How do you create dance in the age of coronavirus, when dancers are not supposed to touch each other and stay one or two metres apart?
All across the world choreographers are grappling with the challenge of coming up with safe, socially distanced pieces that still set the heart aflutter.
It may be completely counter-intuitive, but the very rigidity of the restrictions has been liberating for some — allowing them to play on the new taboos and the dramatic tension around personal space the virus has brought with it.
“It unleashed spontaneity!” declared the great German choreographer John Neumeier, the artistic director of the Hamburg Ballet.
“In ballet, we are so used to being free in the way we touch,” he told AFP.
“Sometimes we take this for granted, because we touch everybody almost everywhere in doing pas de deux, in doing a lift. And now we have a situation where we cannot touch, where there is a distance, which immediately gives a new sense of tension.”
With all the usual advance planning thrown to the wind, Neumeier said the virus has allowed him to create without thinking about what the costumes or sets would look like.
“I was working with the purest material — just dancers in an empty space,” he said.
The restrictions have forced him to “concentrate much more on the art of the solo” for his new work, “Ghost Light”, which will premiere — virus permitting — on Sept 6.
Neumeier is using 57 dancers, but he can’t bring them all together for now. “It is a kind of mosaic,” he told AFP.
“I work with six dancers, then I work with eight dancers, then with two — but I don’t know what it will be like when we put it all together.”
Annabelle Ochoa Lopez has become dance’s queen of Zoom over the last few months, making a series of short pieces on the teleconferencing app.
Like so much else in the lockdown, it happened by accident, said the Belgian-Colombian choreographer.
“Two French dancers who were retiring from the Norwegian Ballet approached me because they couldn’t do their farewell show. They asked if I could make something for them on Zoom.
“I thought, ‘OK, that will be very awkward but let’s do it,” said the Netherlands-based creator.
“They had three children… and sometimes the children would be there saying hello from the couch.”
In the work they made together, “Where do the birds go?”, which is now on YouTube, the couple — Julie Gardette and Francois Rousseau — actually dance on their sofa.
Creating online has changed the way Ochoa Lopez works.
“I have to talk a lot more to get my ideas across, and I have to direct their eyes more too because the frame is so much more intimate than the stage,” she said.

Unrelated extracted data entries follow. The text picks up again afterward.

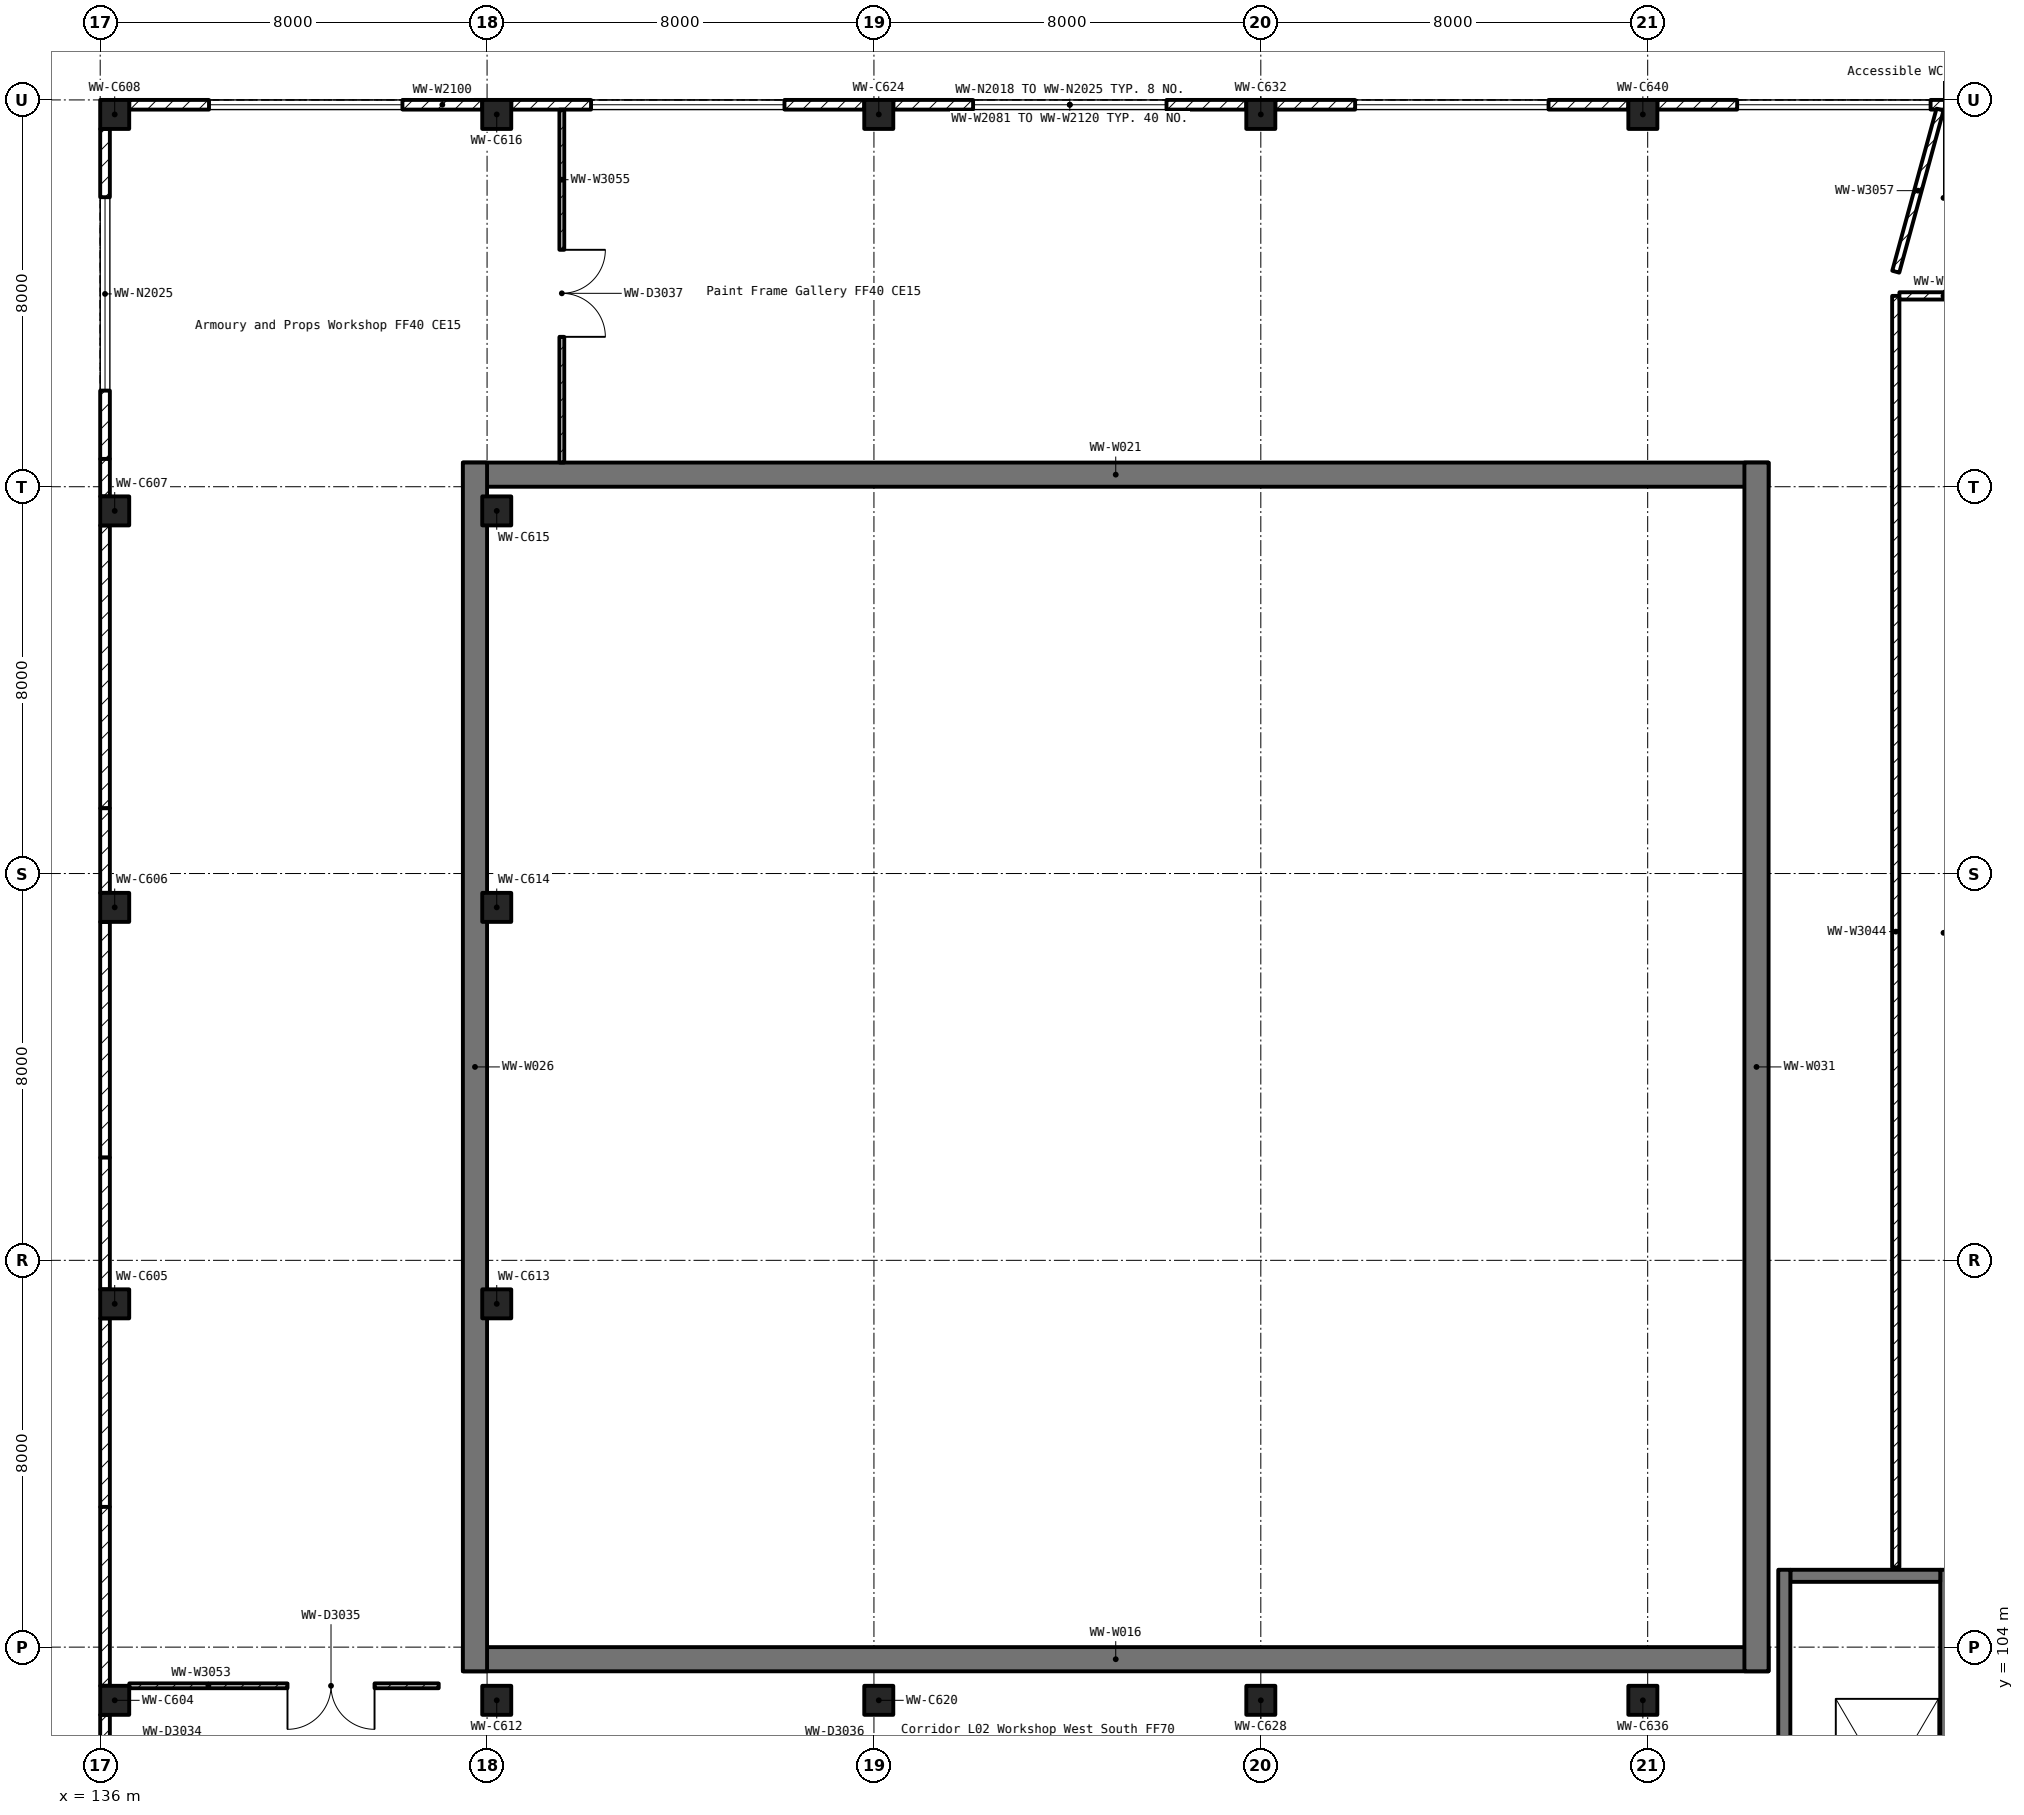
"""IFC4 building model, lengths in metres.
Left out: names, types, materials, properties, quantities, classifications, styles, units other than length and angle.
Written with IfcOpenShell. Run it as: python <this file> out.ifc"""

import sys

from ifc_helpers import new_model, si_unit, direction, frame, frame_2d, origin, origin_2d, place, context, subcontext, project, spatial, rectangle, extrude, element, fill, save


model = new_model("IFC4")
c1 = context("Model", 3, precision=1e-05, world=origin(), true_north=direction((0.0, 1.0)))
c2 = subcontext(c1, "Body", "Model", "MODEL_VIEW")
j1 = project(units=[si_unit("LENGTHUNIT", "METRE"), si_unit("PLANEANGLEUNIT", "RADIAN")], contexts=[c1])
p1 = place(None, origin())
s1 = spatial("IfcSite", under=j1, at=p1, CompositionType="ELEMENT")
p2 = place(p1, origin())
s2 = spatial("IfcBuilding", under=s1, at=p2, CompositionType="ELEMENT")
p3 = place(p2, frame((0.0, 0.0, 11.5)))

“I am constantly coming in close to my computer and then going right out again to show the movement… sometimes I even lie on the ground to show them my feet,” she added.
In a second video she made with a dancer from New York’s Ballet Hispanico, she used the windows in her apartment as a framing device, and in another she channelled the French mime legend Marcel Marceau as well as using a live chicken for a piece set around a table with two dancers from the Tulsa Ballet.
‘I miss the studio’
“Of course I miss the studio,” Ochoa Lopez told AFP. “But I think that I will take something from this experience.”
Kader Belarbi, the artistic director of Capitole Ballet of Toulouse in southwest France, hopes digital direction will not be the end of actually being there with a dancer.
With the screen there are “things that don’t come across anymore as they do in a live performance”, he argued.
Belarbi is now creating a ballet about the artist Toulouse-Lautrec, working with soloists and four couples on “single phrases that will later be combined”.
But for some the biggest thing to come out of the lockdown may be a trend towards shorter works.
“A lot of companies are going to make small pieces which are cheaper and easier to handle in terms of social distancing,” said Martin Harriague, a choreographer with the Malandain Ballet, Biarritz.
He is working on a solo with a dancer from the company in his apartment, separated by the glass of his veranda.
“A lot of freedom can come from restraints,” he insisted.